The artificiality of variable access restriction by no means devalues it though.  Offering programmers some guidance by making it difficult to violate best practices does have value.  Access restriction is not the only way to accomplish this though.  C++ and Java use access restriction, but Python does not.  Nothing in Python is ever strictly private.  If you know its name, you can access it.  Python does have some ways of making it hard to violate best practices though.  A single leading underscore in a variable or method name in Python indicates that it should not be accessed directly, because it is an implementation detail that is subject to change.  Two leading underscores, with one or no trailing underscores in Python invokes name mangling that makes direct access from outside the class difficult.  Every method or variable reference inside the class definition with the two leading underscores and less than two following will be mangled, which will allow internal references to work properly, but it will break external references.  Even this does not make the variable or method private though.  The mangling is predictable, so a determined programmer could still access mangled references from outside the class, by using the mangled name.  This requires very deliberate action though, and thus will never occur accidentally.  A programmer that is willing to go this far to violate best practices would probably also use direct memory manipulation, so the fact that it is easier this way hardly matters.

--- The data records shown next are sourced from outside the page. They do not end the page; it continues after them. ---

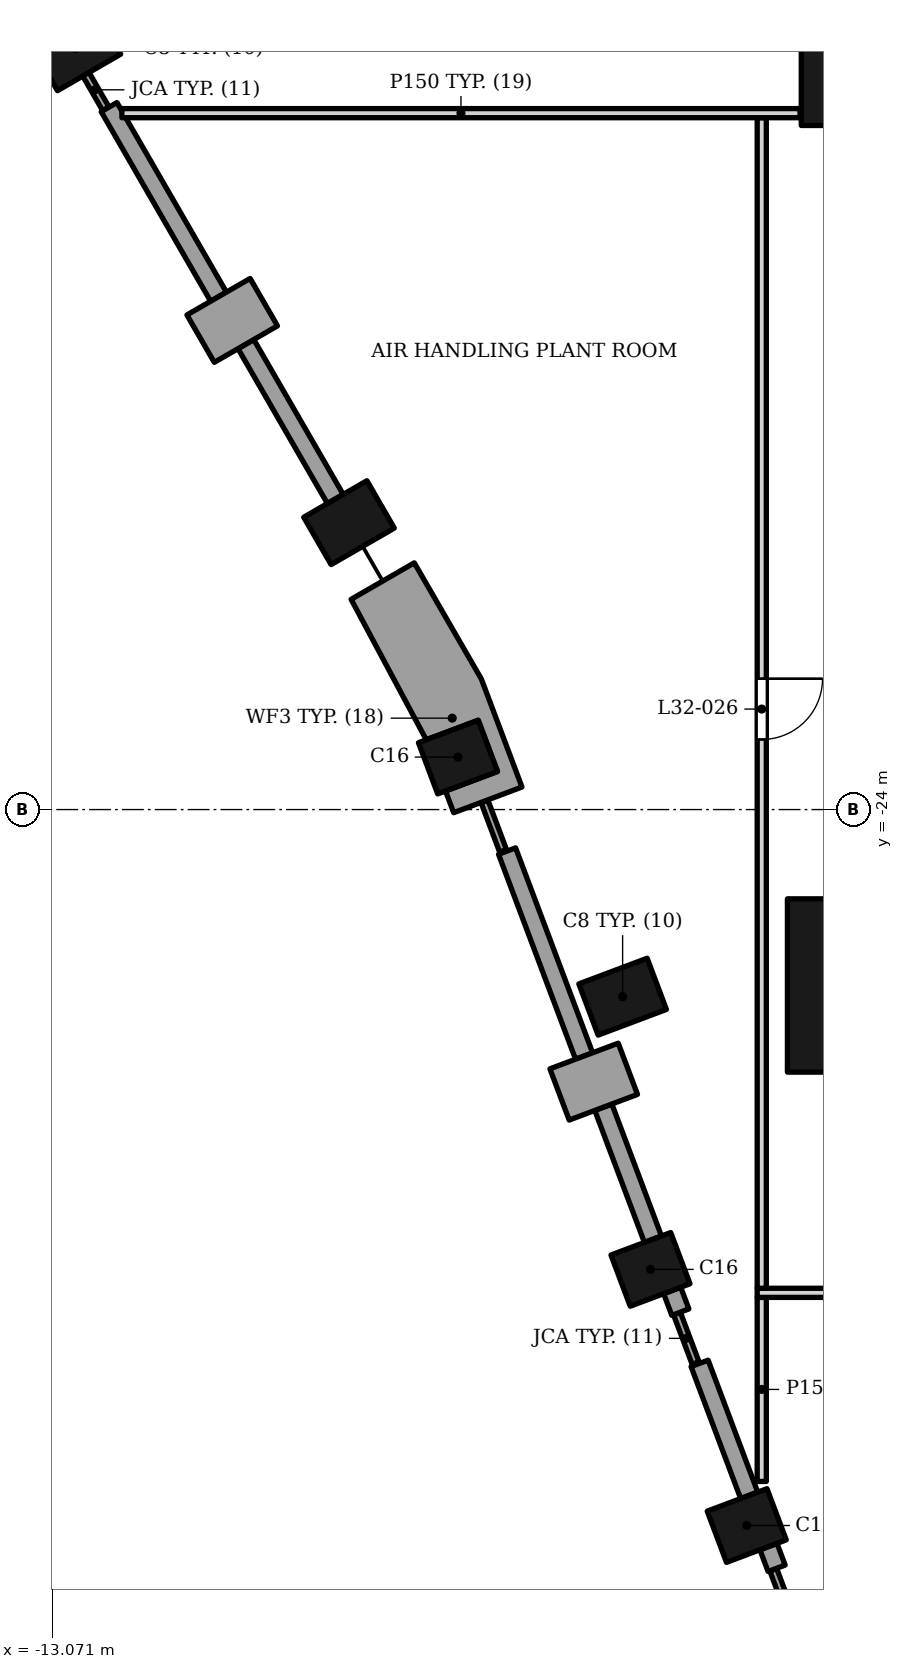
"""IFC4 building model, lengths in metres.
Left out: names, types, materials, properties, quantities, classifications, styles, units other than length and angle.
Written with IfcOpenShell. Run it as: python <this file> out.ifc"""

import sys

from ifc_helpers import new_model, si_unit, direction, frame, frame_2d, origin, origin_2d, place, context, subcontext, project, spatial, polyline, rectangle, outline, extrude, element, fill, save


model = new_model("IFC4")
c1 = context("Model", 3, precision=1e-05, world=origin(), true_north=direction((0.0, 1.0)))
c2 = subcontext(c1, "Body", "Model", "MODEL_VIEW")
j1 = project(units=[si_unit("LENGTHUNIT", "METRE"), si_unit("PLANEANGLEUNIT", "RADIAN")], contexts=[c1])
p1 = place(None, origin())
s1 = spatial("IfcSite", under=j1, at=p1, CompositionType="ELEMENT")
p2 = place(p1, origin())
s2 = spatial("IfcBuilding", under=s1, at=p2, CompositionType="ELEMENT")
p3 = place(p2, frame((0.0, 0.0, 139.6)))
s3 = spatial("IfcBuildingStorey", under=s2, at=p3, CompositionType="ELEMENT", Elevation=139.6)
for number, where, z_axis, x_axis in (
    (1, (-12.688, -11.488, 0.0), (0.0, 0.0, 1.0), (0.5, -0.866, 0.0)),
    (2, (-8.188, -19.282, 0.0), (0.0, 0.0, 1.0), (0.5, -0.866, 0.0)),
    (3, (-3.688, -27.077, 0.0), (0.0, 0.0, 1.0), (0.352, -0.936, 0.0)),
):
    element("IfcColumn", number, at=place(p3, frame(where, z_axis=z_axis, x_axis=x_axis)), inside=s3, PredefinedType="COLUMN", context=c2, shape_type="SweptSolid", body=[
        extrude(rectangle(XDim=0.9, YDim=1.2, at=origin_2d()), origin(), (0.0, 0.0, 1.0), 5.0),
    ])
p4 = place(p3, frame((0.447, -26.893, 0.0), z_axis=(0.0, 0.0, 1.0), x_axis=(0.0, 1.0, 0.0)))
e4 = element("IfcColumn", 4, at=p4, inside=s3, PredefinedType="COLUMN", context=c2, shape_type="SweptSolid", body=[
    extrude(rectangle(XDim=2.85, YDim=2.85, at=origin_2d()), origin(), (0.0, 0.0, 1.0), 5.0),
])
p5 = place(p3, frame((0.0, -12.0, 0.0), z_axis=(0.0, 0.0, 1.0), x_axis=(1.0, 0.0, 0.0)))
e5 = element("IfcColumn", 5, at=p5, inside=s3, PredefinedType="COLUMN", context=c2, shape_type="SweptSolid", body=[
    extrude(rectangle(XDim=1.5, YDim=1.5, at=origin_2d()), origin(), (0.0, 0.0, 1.0), 5.0),
])
for number, where, z_axis, x_axis in (
    (6, (-6.396, -23.137, 0.0), (0.0, 0.0, 1.0), (0.352, -0.936, 0.0)),
    (7, (-3.23, -31.562, 0.0), (0.0, 0.0, 1.0), (0.352, -0.936, 0.0)),
    (8, (-1.647, -35.774, 0.0), (0.0, 0.0, 1.0), (0.352, -0.936, 0.0)),
):
    element("IfcColumn", number, at=place(p3, frame(where, z_axis=z_axis, x_axis=x_axis)), inside=s3, PredefinedType="COLUMN", context=c2, shape_type="SweptSolid", body=[
        extrude(rectangle(XDim=0.9, YDim=1.05, at=origin_2d()), origin(), (0.0, 0.0, 1.0), 5.0),
    ])
p6 = place(p3, frame((-9.589, -15.656, 0.0), z_axis=(0.0, 0.0, 1.0), x_axis=(-0.866043267704, -0.499969057507, 0.0)))
e9 = element("IfcWall", 9, at=p6, inside=s3, PredefinedType="SOLIDWALL", context=c2, shape_type="SweptSolid", body=[
    extrude(rectangle(XDim=1.2, YDim=0.9, at=frame_2d((0.6, 0.0))), origin(), (0.0, 0.0, 1.0), 3.5),
])
p7 = place(p3, frame((-12.134, -12.448, 0.0), z_axis=(0.0, 0.0, 1.0), x_axis=(0.500012057535, -0.866018442252, 0.0)))
e10 = element("IfcWall", 10, at=p7, inside=s3, PredefinedType="ELEMENTEDWALL", context=c2, shape_type="SweptSolid", body=[
    extrude(rectangle(XDim=3.6, YDim=0.3, at=frame_2d((1.8, 0.0))), origin(), (0.0, 0.0, 1.0), 3.5),
])
p8 = place(p3, origin())
e11 = element("IfcWall", 11, at=p8, inside=s3, PredefinedType="ELEMENTEDWALL", context=c2, shape_type="SweptSolid", body=[
    extrude(outline(polyline([(-10.014, -16.42), (-8.543, -18.968), (-8.283, -18.817), (-9.754, -16.271), (-10.014, -16.42)])), origin(), (0.0, 0.0, 1.0), 3.5),
])
p9 = place(p3, frame((-4.725, -28.685, 0.0), z_axis=(0.0, 0.0, 1.0), x_axis=(0.936086483131, 0.351769947693, 0.0)))
e12 = element("IfcWall", 12, at=p9, inside=s3, PredefinedType="SOLIDWALL", context=c2, shape_type="SweptSolid", body=[
    extrude(rectangle(XDim=1.2, YDim=0.9, at=frame_2d((0.6, 0.0))), origin(), (0.0, 0.0, 1.0), 3.5),
])
p10 = place(p3, frame((-5.589, -24.683, 0.0), z_axis=(0.0, 0.0, 1.0), x_axis=(0.351851706772, -0.936055754986, 0.0)))
e13 = element("IfcWall", 13, at=p10, inside=s3, PredefinedType="ELEMENTEDWALL", context=c2, shape_type="SweptSolid", body=[
    extrude(rectangle(XDim=3.6, YDim=0.3, at=frame_2d((1.8, 0.0))), origin(), (0.0, 0.0, 1.0), 3.5),
])
p11 = place(p3, origin())
e14 = element("IfcWall", 14, at=p11, inside=s3, PredefinedType="ELEMENTEDWALL", context=c2, shape_type="SweptSolid", body=[
    extrude(outline(polyline([(-4.146, -28.948), (-3.33, -31.119), (-3.049, -31.013), (-3.865, -28.843), (-4.146, -28.948)])), origin(), (0.0, 0.0, 1.0), 3.5),
])
p12 = place(p3, origin())
e15 = element("IfcWall", 15, at=p12, inside=s3, PredefinedType="ELEMENTEDWALL", context=c2, shape_type="SweptSolid", body=[
    extrude(outline(polyline([(-2.598, -32.212), (-2.732, -31.856), (-3.013, -31.961), (-2.879, -32.318), (-2.598, -32.212)])), origin(), (0.0, 0.0, 1.0), 3.5),
])
p13 = place(p3, origin())
e16 = element("IfcWall", 16, at=p13, inside=s3, PredefinedType="ELEMENTEDWALL", context=c2, shape_type="SweptSolid", body=[
    extrude(outline(polyline([(-2.562, -33.16), (-1.747, -35.331), (-1.466, -35.225), (-2.282, -33.055), (-2.562, -33.16)])), origin(), (0.0, 0.0, 1.0), 3.5),
])
p14 = place(p3, origin())
e17 = element("IfcWall", 17, at=p14, inside=s3, PredefinedType="ELEMENTEDWALL", context=c2, shape_type="SweptSolid", body=[
    extrude(outline(polyline([(-1.015, -36.425), (-1.149, -36.068), (-1.43, -36.173), (-1.296, -36.53), (-1.015, -36.425)])), origin(), (0.0, 0.0, 1.0), 3.5),
])
p15 = place(p3, origin())
e18 = element("IfcWall", 18, at=p15, inside=s3, PredefinedType="SOLIDWALL", context=c2, shape_type="SweptSolid", body=[
    extrude(outline(polyline([(-7.114, -19.943), (-8.154, -20.542), (-6.918, -22.852), (-6.063, -22.531), (-5.746, -23.374), (-6.601, -23.695), (-6.467, -24.052), (-5.344, -23.629), (-6.011, -21.853), (-7.114, -19.943)])), origin(), (0.0, 0.0, 1.0), 3.5),
])
p16 = place(p3, frame((-12.188, -12.475, 0.0), z_axis=(0.0, 0.0, 1.0), x_axis=(-0.499898722045, 0.866083868743, 0.0)))
e19 = element("IfcWall", 19, at=p16, inside=s3, PredefinedType="SOLIDWALL", context=c2, shape_type="SweptSolid", body=[
    extrude(rectangle(XDim=0.719, YDim=0.12, at=frame_2d((0.36, 0.0))), origin(), (0.0, 0.0, 1.0), 3.5),
])
for number, where, z_axis, x_axis in (
    (20, (-5.96, -23.865, 0.0), (0.0, 0.0, 1.0), (0.352, -0.936, 0.0)),
    (21, (-2.793, -32.29, 0.0), (0.0, 0.0, 1.0), (0.352, -0.936, 0.0)),
):
    element("IfcWall", number, at=place(p3, frame(where, z_axis=z_axis, x_axis=x_axis)), inside=s3, PredefinedType="SOLIDWALL", context=c2, shape_type="SweptSolid", body=[
        extrude(rectangle(XDim=0.868, YDim=0.12, at=frame_2d((0.434, 0.0))), origin(), (0.0, 0.0, 1.0), 3.5),
    ])
p17 = place(p3, frame((-1.21, -36.502, 0.0), z_axis=(0.0, 0.0, 1.0), x_axis=(0.351957262509, -0.936016071105, 0.0)))
e22 = element("IfcWall", 22, at=p17, inside=s3, PredefinedType="SOLIDWALL", context=c2, shape_type="SweptSolid", body=[
    extrude(rectangle(XDim=0.898, YDim=0.12, at=frame_2d((0.449, 0.0))), origin(), (0.0, 0.0, 1.0), 3.5),
])
p18 = place(p3, frame((-1.4, -35.05, 0.0), z_axis=(0.0, 0.0, 1.0), x_axis=(0.0, 1.0, 0.0)))
e23 = element("IfcWall", 23, at=p18, inside=s3, PredefinedType="PARTITIONING", context=c2, shape_type="SweptSolid", body=[
    extrude(rectangle(XDim=3.027, YDim=0.15, at=frame_2d((1.514, 0.0))), origin(), (0.0, 0.0, 1.0), 4.13),
])
p19 = place(p3, frame((-1.475, -31.948, 0.0), z_axis=(0.0, 0.0, 1.0), x_axis=(1.0, 0.0, 0.0)))
e24 = element("IfcWall", 24, at=p19, inside=s3, PredefinedType="PARTITIONING", context=c2, shape_type="SweptSolid", body=[
    extrude(rectangle(XDim=5.082, YDim=0.15, at=frame_2d((2.541, 0.0))), origin(), (0.0, 0.0, 1.0), 4.13),
])
p20 = place(p3, frame((-1.4, -31.872, 0.0), z_axis=(0.0, 0.0, 1.0), x_axis=(0.0, 1.0, 0.0)))
e25 = element("IfcWall", 25, at=p20, inside=s3, PredefinedType="PARTITIONING", context=c2, shape_type="SweptSolid", body=[
    extrude(rectangle(XDim=19.25, YDim=0.15, at=frame_2d((9.625, 0.0))), origin(), (0.0, 0.0, 1.0), 4.05),
])
p21 = place(p20, frame((9.025, 0.0, 0.0)))
e26 = element("IfcOpeningElement", 26, at=p21, cuts=e25, PredefinedType="OPENING", context=c2, shape_type="SweptSolid", body=[
    extrude(rectangle(XDim=1.0, YDim=2.1, at=frame_2d((0.5, 1.05))), frame((0.0, 0.085, 0.0), z_axis=(0.0, -1.0, 0.0), x_axis=(1.0, 0.0, 0.0)), (0.0, 0.0, 1.0), 0.17),
])
p22 = place(p3, frame((-11.924, -12.547, 0.0), z_axis=(0.0, 0.0, 1.0), x_axis=(1.0, 0.0, 0.0)))
e27 = element("IfcWall", 27, at=p22, inside=s3, PredefinedType="PARTITIONING", context=c2, shape_type="SweptSolid", body=[
    extrude(rectangle(XDim=11.154, YDim=0.15, at=frame_2d((5.577, 0.0))), origin(), (0.0, 0.0, 1.0), 4.13),
])
p23 = place(p21, origin())
e28 = element("IfcDoor", 28, at=p23, inside=s3, OperationType="SINGLE_SWING_RIGHT", PredefinedType="DOOR", context=c2, shape_type="SweptSolid", body=[
    extrude(rectangle(XDim=1.0, YDim=2.1, at=frame_2d((0.5, 1.05))), frame((0.0, 0.025, 0.0), z_axis=(0.0, -1.0, 0.0), x_axis=(1.0, 0.0, 0.0)), (0.0, 0.0, 1.0), 0.05),
])
fill(e26, e28)
save(model, sys.argv[1])

To be clear, method and instance variable access restriction should never be regarded as a security measure.  In any well designed language, there will always be a way around it.  Access restriction should be regarded as a means to encourage best practices and provide a warning for attempts to violate them.  It should never be treated as anything more than this.


The connection between these two is the fact that access restriction is not a significant difference between two meta data-types.  Despite the difference in access restriction between fully abstract classes and interfaces in Java, they are functionally the same thing.  Java differentiates to hide the multiple inheritance, and that is it.  In fact, considering the value of access restricted variables and methods in fully abstract classes (hint: there is no value), it makes perfect sense to disallow anything but public variables and methods in interfaces.  To do anything else would be to restrict or dictate the implementation of the abstract variables and methods, which would directly violate the purpose of fully abstract classes as well as interfaces.  This is not a major difference between the two.  It is merely another case of the language enforcing best practices.


In the end, Java does not solve the multiple inheritance problem, and access restricted variables and methods are not strictly necessary.  In both cases, this does not mean that time or energy was wasted though.  They both have value, but they are related in that they are both misunderstood, often even by professionals.